All the talk and the words and the chatting and the shuffling of paper and the composing of reports, and half the time, most of the time, perhaps, he felt like a fake hiding in the bush, wondering if he would ever make sense of it at all.

Actually, it suddenly occurred to him, he loved it here. He loved this place. He loved these people. Nothing was perfect. No one had the right to expect perfection. He was one lucky asshole to have this job, and he was eternally grateful for having it. Only a fool would be an ingrate! What was wrong with him?! He looked up, beaming, in the grip of his sudden epiphany and gazed around the Piet Hein table from face to face, loving them each and all.

But something was happening now.

He could sense a tension rising along the table. Eyes were going tight. The CEO picked up on something or other that Signe Cress had said, and it seemed at once to Jaeger that her words were a setup, agreed upon before the meeting between her and the CEO to start a scene no one had expected.

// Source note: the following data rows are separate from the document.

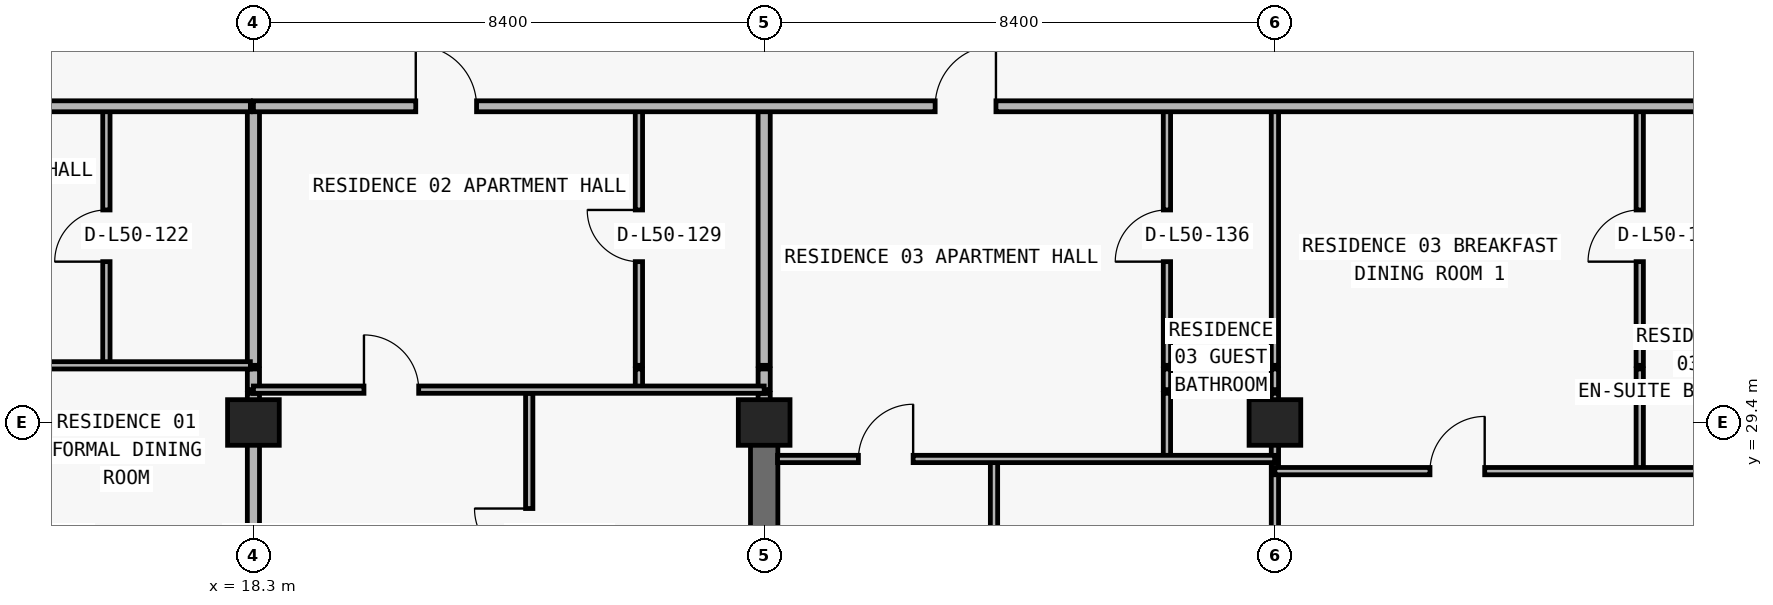
"""IFC4 building model, lengths in metres.
Left out: names, types, materials, properties, quantities, classifications, styles, units other than length and angle.
Written with IfcOpenShell. Run it as: python <this file> out.ifc"""

import sys

from ifc_helpers import new_model, si_unit, direction, frame, frame_2d, origin, origin_2d, place, context, subcontext, project, spatial, rectangle, extrude, element, fill, save


model = new_model("IFC4")
c1 = context("Model", 3, precision=1e-05, world=origin(), true_north=direction((0.0, 1.0)))
c2 = subcontext(c1, "Body", "Model", "MODEL_VIEW")
j1 = project(units=[si_unit("LENGTHUNIT", "METRE"), si_unit("PLANEANGLEUNIT", "RADIAN")], contexts=[c1])
p1 = place(None, origin())
s1 = spatial("IfcSite", under=j1, at=p1, CompositionType="ELEMENT")
p2 = place(p1, origin())
s2 = spatial("IfcBuilding", under=s1, at=p2, CompositionType="ELEMENT")
p3 = place(p2, frame((0.0, 0.0, 180.3)))
s3 = spatial("IfcBuildingStorey", under=s2, at=p3, CompositionType="ELEMENT", Elevation=180.3)
for number, where, z_axis, x_axis in (
    (1, (18.3, 29.4, 0.0), (0.0, 0.0, 1.0), (1.0, 0.0, 0.0)),
    (2, (26.7, 29.4, 0.0), (0.0, 0.0, 1.0), (1.0, 0.0, 0.0)),
    (3, (35.1, 29.4, 0.0), (0.0, 0.0, 1.0), (1.0, 0.0, 0.0)),
):
    element("IfcColumn", number, at=place(p3, frame(where, z_axis=z_axis, x_axis=x_axis)), inside=s3, PredefinedType="COLUMN", context=c2, shape_type="SweptSolid", body=[
        extrude(rectangle(XDim=0.85, YDim=0.75, at=origin_2d()), origin(), (0.0, 0.0, 1.0), 3.0),
    ])
p4 = place(p3, frame((26.7, 20.8, 0.0), z_axis=(0.0, 0.0, 1.0), x_axis=(0.0, 1.0, 0.0)))
e4 = element("IfcWall", 4, at=p4, inside=s3, PredefinedType="SHEAR", context=c2, shape_type="SweptSolid", body=[
    extrude(rectangle(XDim=8.6, YDim=0.45, at=frame_2d((4.3, 0.0))), origin(), (0.0, 0.0, 1.0), 3.0),
])
p5 = place(p3, frame((15.882, 30.34, 0.0), z_axis=(0.0, 0.0, 1.0), x_axis=(0.0, 1.0, 0.0)))
e5 = element("IfcWall", 5, at=p5, inside=s3, PredefinedType="PARTITIONING", context=c2, shape_type="SweptSolid", body=[
    extrude(rectangle(XDim=4.26, YDim=0.12, at=frame_2d((2.13, 0.0))), origin(), (0.0, 0.0, 1.0), 2.675),
])
p6 = place(p5, frame((1.705, 0.0, 0.0)))
e6 = element("IfcOpeningElement", 6, at=p6, cuts=e5, PredefinedType="OPENING", context=c2, shape_type="SweptSolid", body=[
    extrude(rectangle(XDim=0.85, YDim=2.1, at=frame_2d((0.425, 1.05))), frame((0.0, 0.07, 0.0), z_axis=(0.0, -1.0, 0.0), x_axis=(1.0, 0.0, 0.0)), (0.0, 0.0, 1.0), 0.14),
])
p7 = place(p3, frame((18.3, 25.19, 0.0), z_axis=(0.0, 0.0, 1.0), x_axis=(0.0, 1.0, 0.0)))
e7 = element("IfcWall", 7, at=p7, inside=s3, PredefinedType="PARTITIONING", context=c2, shape_type="SweptSolid", body=[
    extrude(rectangle(XDim=4.69, YDim=0.2, at=frame_2d((2.345, 0.0))), origin(), (0.0, 0.0, 1.0), 2.213),
])
p8 = place(p3, frame((18.3, 29.94, 0.0), z_axis=(0.0, 0.0, 1.0), x_axis=(0.0, 1.0, 0.0)))
e8 = element("IfcWall", 8, at=p8, inside=s3, PredefinedType="PARTITIONING", context=c2, shape_type="SweptSolid", body=[
    extrude(rectangle(XDim=0.34, YDim=0.2, at=frame_2d((0.17, 0.0))), origin(), (0.0, 0.0, 1.0), 2.213),
])
p9 = place(p3, frame((18.3, 30.34, 0.0), z_axis=(0.0, 0.0, 1.0), x_axis=(0.0, 1.0, 0.0)))
e9 = element("IfcWall", 9, at=p9, inside=s3, PredefinedType="PARTITIONING", context=c2, shape_type="SweptSolid", body=[
    extrude(rectangle(XDim=4.26, YDim=0.2, at=frame_2d((2.13, 0.0))), origin(), (0.0, 0.0, 1.0), 2.213),
])
p10 = place(p3, frame((22.836, 25.19, 0.0), z_axis=(0.0, 0.0, 1.0), x_axis=(0.0, 1.0, 0.0)))
e10 = element("IfcWall", 10, at=p10, inside=s3, PredefinedType="PARTITIONING", context=c2, shape_type="SweptSolid", body=[
    extrude(rectangle(XDim=4.69, YDim=0.12, at=frame_2d((2.345, 0.0))), origin(), (0.0, 0.0, 1.0), 3.0),
])
p11 = place(p10, frame((1.895, 0.0, 0.0)))
e11 = element("IfcOpeningElement", 11, at=p11, cuts=e10, PredefinedType="OPENING", context=c2, shape_type="SweptSolid", body=[
    extrude(rectangle(XDim=0.9, YDim=2.15, at=frame_2d((0.45, 1.075))), frame((0.0, 0.07, 0.0), z_axis=(0.0, -1.0, 0.0), x_axis=(1.0, 0.0, 0.0)), (0.0, 0.0, 1.0), 0.14),
])
p12 = place(p3, frame((24.64, 29.94, 0.0), z_axis=(0.0, 0.0, 1.0), x_axis=(0.0, 1.0, 0.0)))
e12 = element("IfcWall", 12, at=p12, inside=s3, PredefinedType="PARTITIONING", context=c2, shape_type="SweptSolid", body=[
    extrude(rectangle(XDim=0.34, YDim=0.12, at=frame_2d((0.17, 0.0))), origin(), (0.0, 0.0, 1.0), 3.0),
])
p13 = place(p3, frame((24.64, 30.34, 0.0), z_axis=(0.0, 0.0, 1.0), x_axis=(0.0, 1.0, 0.0)))
e13 = element("IfcWall", 13, at=p13, inside=s3, PredefinedType="PARTITIONING", context=c2, shape_type="SweptSolid", body=[
    extrude(rectangle(XDim=4.26, YDim=0.12, at=frame_2d((2.13, 0.0))), origin(), (0.0, 0.0, 1.0), 3.0),
])
p14 = place(p13, frame((1.705, 0.0, 0.0)))
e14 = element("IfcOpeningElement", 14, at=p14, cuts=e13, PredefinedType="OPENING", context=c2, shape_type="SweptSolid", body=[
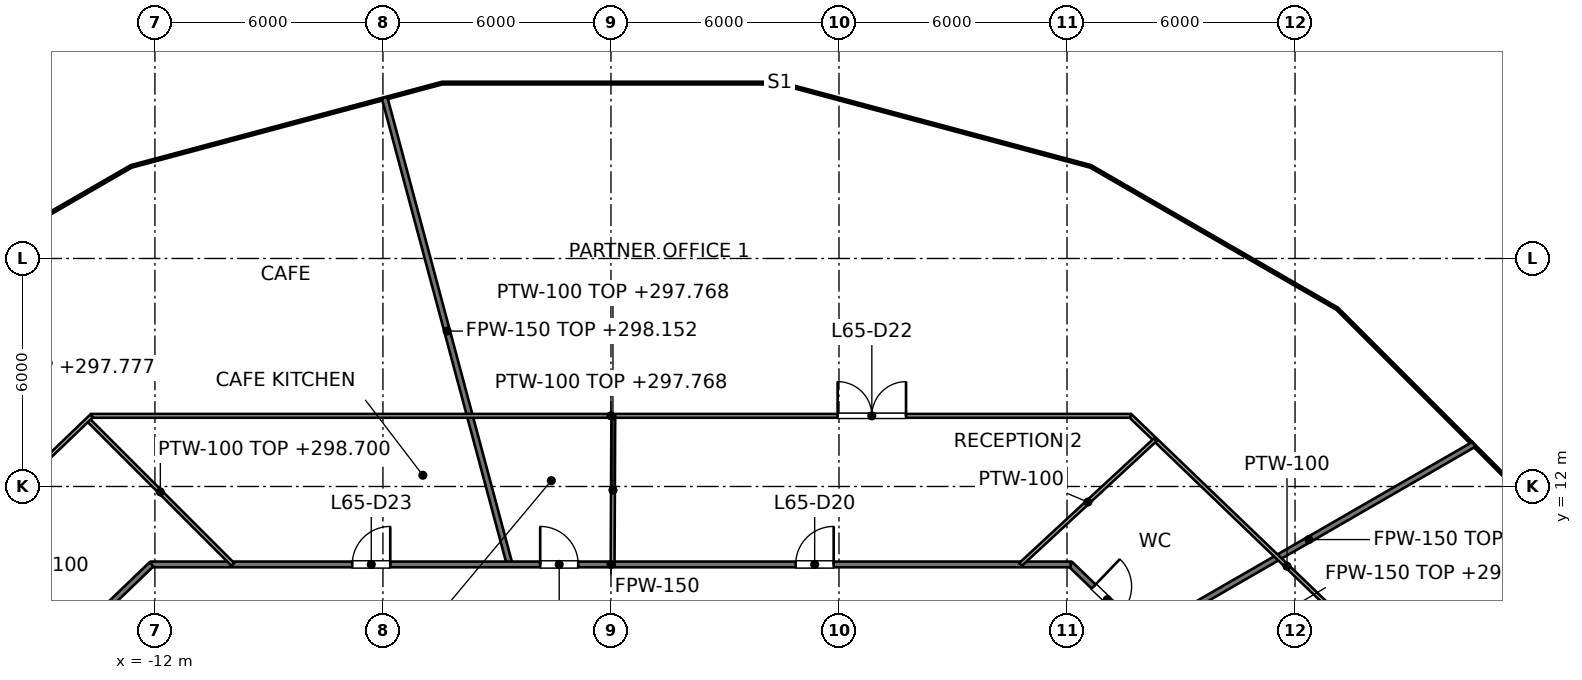
"""IFC4 building model, lengths in metres.
Left out: names, types, materials, properties, quantities, classifications, styles, units other than length and angle.
Written with IfcOpenShell. Run it as: python <this file> out.ifc"""

import sys

from ifc_helpers import new_model, si_unit, direction, frame, frame_2d, origin, place, context, subcontext, project, spatial, rectangle, extrude, element, fill, save


model = new_model("IFC4")
c1 = context("Model", 3, precision=1e-05, world=origin(), true_north=direction((0.0, 1.0)))
c2 = subcontext(c1, "Body", "Model", "MODEL_VIEW")
j1 = project(units=[si_unit("LENGTHUNIT", "METRE"), si_unit("PLANEANGLEUNIT", "RADIAN")], contexts=[c1])
p1 = place(None, origin())
s1 = spatial("IfcSite", under=j1, at=p1, CompositionType="ELEMENT")
p2 = place(p1, origin())
s2 = spatial("IfcBuilding", under=s1, at=p2, CompositionType="ELEMENT")
p3 = place(p2, frame((0.0, 0.0, 295.0)))
s3 = spatial("IfcBuildingStorey", under=s2, at=p3, CompositionType="ELEMENT", Elevation=295.0)
p4 = place(p3, frame((-5.957, 22.23, 0.0), z_axis=(0.0, 0.0, 1.0), x_axis=(0.258861178381, -0.965914535726, 0.0)))
e1 = element("IfcWall", 1, at=p4, inside=s3, PredefinedType="PARTITIONING", context=c2, shape_type="SweptSolid", body=[
    extrude(rectangle(XDim=12.714, YDim=0.15, at=frame_2d((6.357, 0.0))), origin(), (0.0, 0.0, 1.0), 3.152),
])
p5 = place(p3, frame((12.095, 9.949, 0.0), z_axis=(0.0, 0.0, 1.0), x_axis=(0.721290181137, -0.692633001376, 0.0)))
e2 = element("IfcWall", 2, at=p5, inside=s3, PredefinedType="PARTITIONING", context=c2, shape_type="SweptSolid", body=[
    extrude(rectangle(XDim=8.187, YDim=0.15, at=frame_2d((4.094, 0.0))), origin(), (0.0, 0.0, 1.0), 2.777),
])
p6 = place(p5, frame((0.839, 0.0, 0.0)))
e3 = element("IfcOpeningElement", 3, at=p6, cuts=e2, PredefinedType="OPENING", context=c2, shape_type="SweptSolid", body=[
    extrude(rectangle(XDim=1.0, YDim=2.1, at=frame_2d((0.5, 1.05))), frame((0.0, 0.075, 0.0), z_axis=(0.0, -1.0, 0.0), x_axis=(1.0, 0.0, 0.0)), (0.0, 0.0, 1.0), 0.15),
])
p7 = place(p3, frame((-12.095, 9.949, 0.0), z_axis=(0.0, 0.0, 1.0), x_axis=(1.0, 0.0, 0.0)))
e4 = element("IfcWall", 4, at=p7, inside=s3, PredefinedType="PARTITIONING", context=c2, shape_type="SweptSolid", body=[
    extrude(rectangle(XDim=24.19, YDim=0.15, at=frame_2d((12.095, 0.0))), origin(), (0.0, 0.0, 1.0), 2.768),
])
p8 = place(p7, frame((16.955, 0.0, 0.0)))
e5 = element("IfcOpeningElement", 5, at=p8, cuts=e4, PredefinedType="OPENING", context=c2, shape_type="SweptSolid", body=[
    extrude(rectangle(XDim=1.0, YDim=2.1, at=frame_2d((0.5, 1.05))), frame((0.0, 0.075, 0.0), z_axis=(0.0, -1.0, 0.0), x_axis=(1.0, 0.0, 0.0)), (0.0, 0.0, 1.0), 0.15),
])
p9 = place(p7, frame((10.233, 0.0, 0.0)))
e6 = element("IfcOpeningElement", 6, at=p9, cuts=e4, PredefinedType="OPENING", context=c2, shape_type="SweptSolid", body=[
    extrude(rectangle(XDim=1.0, YDim=2.1, at=frame_2d((0.5, 1.05))), frame((0.0, 0.075, 0.0), z_axis=(0.0, -1.0, 0.0), x_axis=(1.0, 0.0, 0.0)), (0.0, 0.0, 1.0), 0.15),
])
p10 = place(p7, frame((5.288, 0.0, 0.0)))
e7 = element("IfcOpeningElement", 7, at=p10, cuts=e4, PredefinedType="OPENING", context=c2, shape_type="SweptSolid", body=[
    extrude(rectangle(XDim=1.0, YDim=2.1, at=frame_2d((0.5, 1.05))), frame((0.0, 0.075, 0.0), z_axis=(0.0, -1.0, 0.0), x_axis=(1.0, 0.0, 0.0)), (0.0, 0.0, 1.0), 0.15),
])
p11 = place(p3, frame((14.024, 8.097, 0.0), z_axis=(0.0, 0.0, 1.0), x_axis=(0.866012014455, 0.500023190282, 0.0)))
e8 = element("IfcWall", 8, at=p11, inside=s3, PredefinedType="PARTITIONING", context=c2, shape_type="SweptSolid", body=[
    extrude(rectangle(XDim=10.025, YDim=0.15, at=frame_2d((5.013, 0.0))), origin(), (0.0, 0.0, 1.0), 3.274),
])
p12 = place(p3, frame((-18.0, 4.278, 0.0), z_axis=(0.0, 0.0, 1.0), x_axis=(0.721363483883, 0.692556657697, 0.0)))
e9 = element("IfcWall", 9, at=p12, inside=s3, PredefinedType="PARTITIONING", context=c2, shape_type="SweptSolid", body=[
    extrude(rectangle(XDim=8.187, YDim=0.15, at=frame_2d((4.094, 0.0))), origin(), (0.0, 0.0, 1.0), 2.777),
])
p13 = place(p12, frame((3.646, 0.0, 0.0)))
e10 = element("IfcOpeningElement", 10, at=p13, cuts=e9, PredefinedType="OPENING", context=c2, shape_type="SweptSolid", body=[
    extrude(rectangle(XDim=1.0, YDim=2.1, at=frame_2d((0.5, 1.05))), frame((0.0, 0.075, 0.0), z_axis=(0.0, -1.0, 0.0), x_axis=(1.0, 0.0, 0.0)), (0.0, 0.0, 1.0), 0.15),
])
p14 = place(p3, frame((-13.766, 13.765, 0.0), z_axis=(0.0, 0.0, 1.0), x_axis=(0.707219854948, -0.70699368934, 0.0)))
e11 = element("IfcWall", 11, at=p14, inside=s3, PredefinedType="PARTITIONING", context=c2, shape_type="SweptSolid", body=[
    extrude(rectangle(XDim=5.397, YDim=0.1, at=frame_2d((2.699, 0.0))), origin(), (0.0, 0.0, 1.0), 3.7),
])
p15 = place(p3, frame((13.668, 13.859, 0.0), z_axis=(0.0, 0.0, 1.0), x_axis=(0.721286980933, -0.692636333971, 0.0)))
e12 = element("IfcWall", 12, at=p15, inside=s3, PredefinedType="PARTITIONING", context=c2, shape_type="SweptSolid", body=[
    extrude(rectangle(XDim=11.427, YDim=0.1, at=frame_2d((5.713, 0.0))), origin(), (0.0, 0.0, 1.0), 2.777),
])
p16 = place(p3, frame((-13.668, 13.859, 0.0), z_axis=(0.0, 0.0, 1.0), x_axis=(1.0, 0.0, 0.0)))
e13 = element("IfcWall", 13, at=p16, inside=s3, PredefinedType="PARTITIONING", context=c2, shape_type="SweptSolid", body=[
    extrude(rectangle(XDim=27.336, YDim=0.1, at=frame_2d((13.668, 0.0))), origin(), (0.0, 0.0, 1.0), 2.768),
])
p17 = place(p16, frame((19.633, 0.0, 0.0)))
e14 = element("IfcOpeningElement", 14, at=p17, cuts=e13, PredefinedType="OPENING", context=c2, shape_type="SweptSolid", body=[
    extrude(rectangle(XDim=1.8, YDim=2.1, at=frame_2d((0.9, 1.05))), frame((0.0, 0.05, 0.0), z_axis=(0.0, -1.0, 0.0), x_axis=(1.0, 0.0, 0.0)), (0.0, 0.0, 1.0), 0.1),
])
p18 = place(p3, frame((10.777, 9.949, 0.0), z_axis=(0.0, 0.0, 1.0), x_axis=(0.733892218001, 0.679265936403, 0.0)))
e15 = element("IfcWall", 15, at=p18, inside=s3, PredefinedType="PARTITIONING", context=c2, shape_type="SweptSolid", body=[
    extrude(rectangle(XDim=4.831, YDim=0.1, at=frame_2d((2.416, 0.0))), origin(), (0.0, 0.0, 1.0), 2.777),
])
p19 = place(p3, frame((-21.91, 5.944, 0.0), z_axis=(0.0, 0.0, 1.0), x_axis=(0.721423184004, 0.69249446899, 0.0)))
e16 = element("IfcWall", 16, at=p19, inside=s3, PredefinedType="PARTITIONING", context=c2, shape_type="SweptSolid", body=[
    extrude(rectangle(XDim=11.427, YDim=0.1, at=frame_2d((5.713, 0.0))), origin(), (0.0, 0.0, 1.0), 2.777),
])
p20 = place(p19, frame((4.75, 0.0, 0.0)))
e17 = element("IfcOpeningElement", 17, at=p20, cuts=e16, PredefinedType="OPENING", context=c2, shape_type="SweptSolid", body=[
    extrude(rectangle(XDim=1.8, YDim=2.1, at=frame_2d((0.9, 1.05))), frame((0.0, 0.05, 0.0), z_axis=(0.0, -1.0, 0.0), x_axis=(1.0, 0.0, 0.0)), (0.0, 0.0, 1.0), 0.1),
])
p21 = place(p3, frame((0.044, 9.949, 0.0), z_axis=(0.0, 0.0, 1.0), x_axis=(0.004370860527, 0.999990447744, 0.0)))
e18 = element("IfcWall", 18, at=p21, inside=s3, PredefinedType="PARTITIONING", context=c2, shape_type="SweptSolid", body=[
    extrude(rectangle(XDim=3.91, YDim=0.1, at=frame_2d((1.955, 0.0))), origin(), (0.0, 0.0, 1.0), 2.768),
])
p22 = place(p6, origin())
e19 = element("IfcDoor", 19, at=p22, inside=s3, OperationType="SINGLE_SWING_LEFT", PredefinedType="DOOR", context=c2, shape_type="SweptSolid", body=[
    extrude(rectangle(XDim=1.0, YDim=2.1, at=frame_2d((0.5, 1.05))), frame((0.0, 0.025, 0.0), z_axis=(0.0, -1.0, 0.0), x_axis=(1.0, 0.0, 0.0)), (0.0, 0.0, 1.0), 0.05),
])
fill(e3, e19)
p23 = place(p8, origin())
e20 = element("IfcDoor", 20, at=p23, inside=s3, OperationType="SINGLE_SWING_RIGHT", PredefinedType="DOOR", context=c2, shape_type="SweptSolid", body=[
    extrude(rectangle(XDim=1.0, YDim=2.1, at=frame_2d((0.5, 1.05))), frame((0.0, 0.025, 0.0), z_axis=(0.0, -1.0, 0.0), x_axis=(1.0, 0.0, 0.0)), (0.0, 0.0, 1.0), 0.05),
])
fill(e5, e20)
p24 = place(p9, origin())
e21 = element("IfcDoor", 21, at=p24, inside=s3, OperationType="SINGLE_SWING_LEFT", PredefinedType="DOOR", context=c2, shape_type="SweptSolid", body=[
    extrude(rectangle(XDim=1.0, YDim=2.1, at=frame_2d((0.5, 1.05))), frame((0.0, 0.025, 0.0), z_axis=(0.0, -1.0, 0.0), x_axis=(1.0, 0.0, 0.0)), (0.0, 0.0, 1.0), 0.05),
])
fill(e6, e21)
p25 = place(p17, origin())
e22 = element("IfcDoor", 22, at=p25, inside=s3, OperationType="DOUBLE_DOOR_SINGLE_SWING", PredefinedType="DOOR", context=c2, shape_type="SweptSolid", body=[
    extrude(rectangle(XDim=1.8, YDim=2.1, at=frame_2d((0.9, 1.05))), frame((0.0, 0.025, 0.0), z_axis=(0.0, -1.0, 0.0), x_axis=(1.0, 0.0, 0.0)), (0.0, 0.0, 1.0), 0.05),
])
fill(e14, e22)
p26 = place(p10, origin())
e23 = element("IfcDoor", 23, at=p26, inside=s3, OperationType="SINGLE_SWING_RIGHT", PredefinedType="DOOR", context=c2, shape_type="SweptSolid", body=[
    extrude(rectangle(XDim=1.0, YDim=2.1, at=frame_2d((0.5, 1.05))), frame((0.0, 0.025, 0.0), z_axis=(0.0, -1.0, 0.0), x_axis=(1.0, 0.0, 0.0)), (0.0, 0.0, 1.0), 0.05),
])
fill(e7, e23)
save(model, sys.argv[1])

The CEO’s face was now almost fully visible as the light behind him slanted over the faces across from Jaeger. Only one eye of the CEO was in shadow and a fragment of his forehead, one ear. His lip moved firmly over words that now fell clearly onto the tabletop between them.

“It hasn’t hit us yet, but there will be a substantial deficit in the last quarter of this year. It might be as high as one hundred and fifty million. So I have to ask every one of you to draft a plan for cutting costs, to absorb the loss.”

The narrow burgundy eyes of Birgitte Sommer were rigid. Jaeger wondered how the chief of finance could have failed to know this.

Holger Hansen, chief of the public relations department, asked through his sinuses, “How could this happen, Martin?”

The CEO’s eyes fixed on him. “You all know—or should know—what has been happening these past many months with foreign investments as well as that both the state and the county have decided to cut our subsidies.”

“We discussed that nearly two years ago,” Breathwaite said. “And again last year. It was not seen as a threat.”

The CEO’s gaze was almost casual on Breathwaite’s jowly face. The corners of his mouth drew out into a little smile. “The possibility was clear.”

“Then we
knew
it was coming and—”

“The possibility was clear.”

“But then …” Breathwaite didn’t finish the question Jaeger would himself have liked to ask:
Why did we just let it happen, then?

7. Harald Jaeger

Claus Clausen watched from behind his desk across the corridor as the department heads straggled out of the CEO’s office. Jaeger avoided Clausen’s eyes, hurried through the anteroom where his secretary sat outside his own office.

“Anything of interest …,” she began to ask, peering at him with tense blue eyes from behind the big frames of her blue plastic spectacles.

“Nothing special,” Jaeger said curtly, and closed his door behind him. He could see from her eyes she already knew something, was trying to get more out of him, information, especially gossip, but anything would do, to feed those around her in the lunchroom. Gossip was the currency of importance. Unfair. She had a right to know.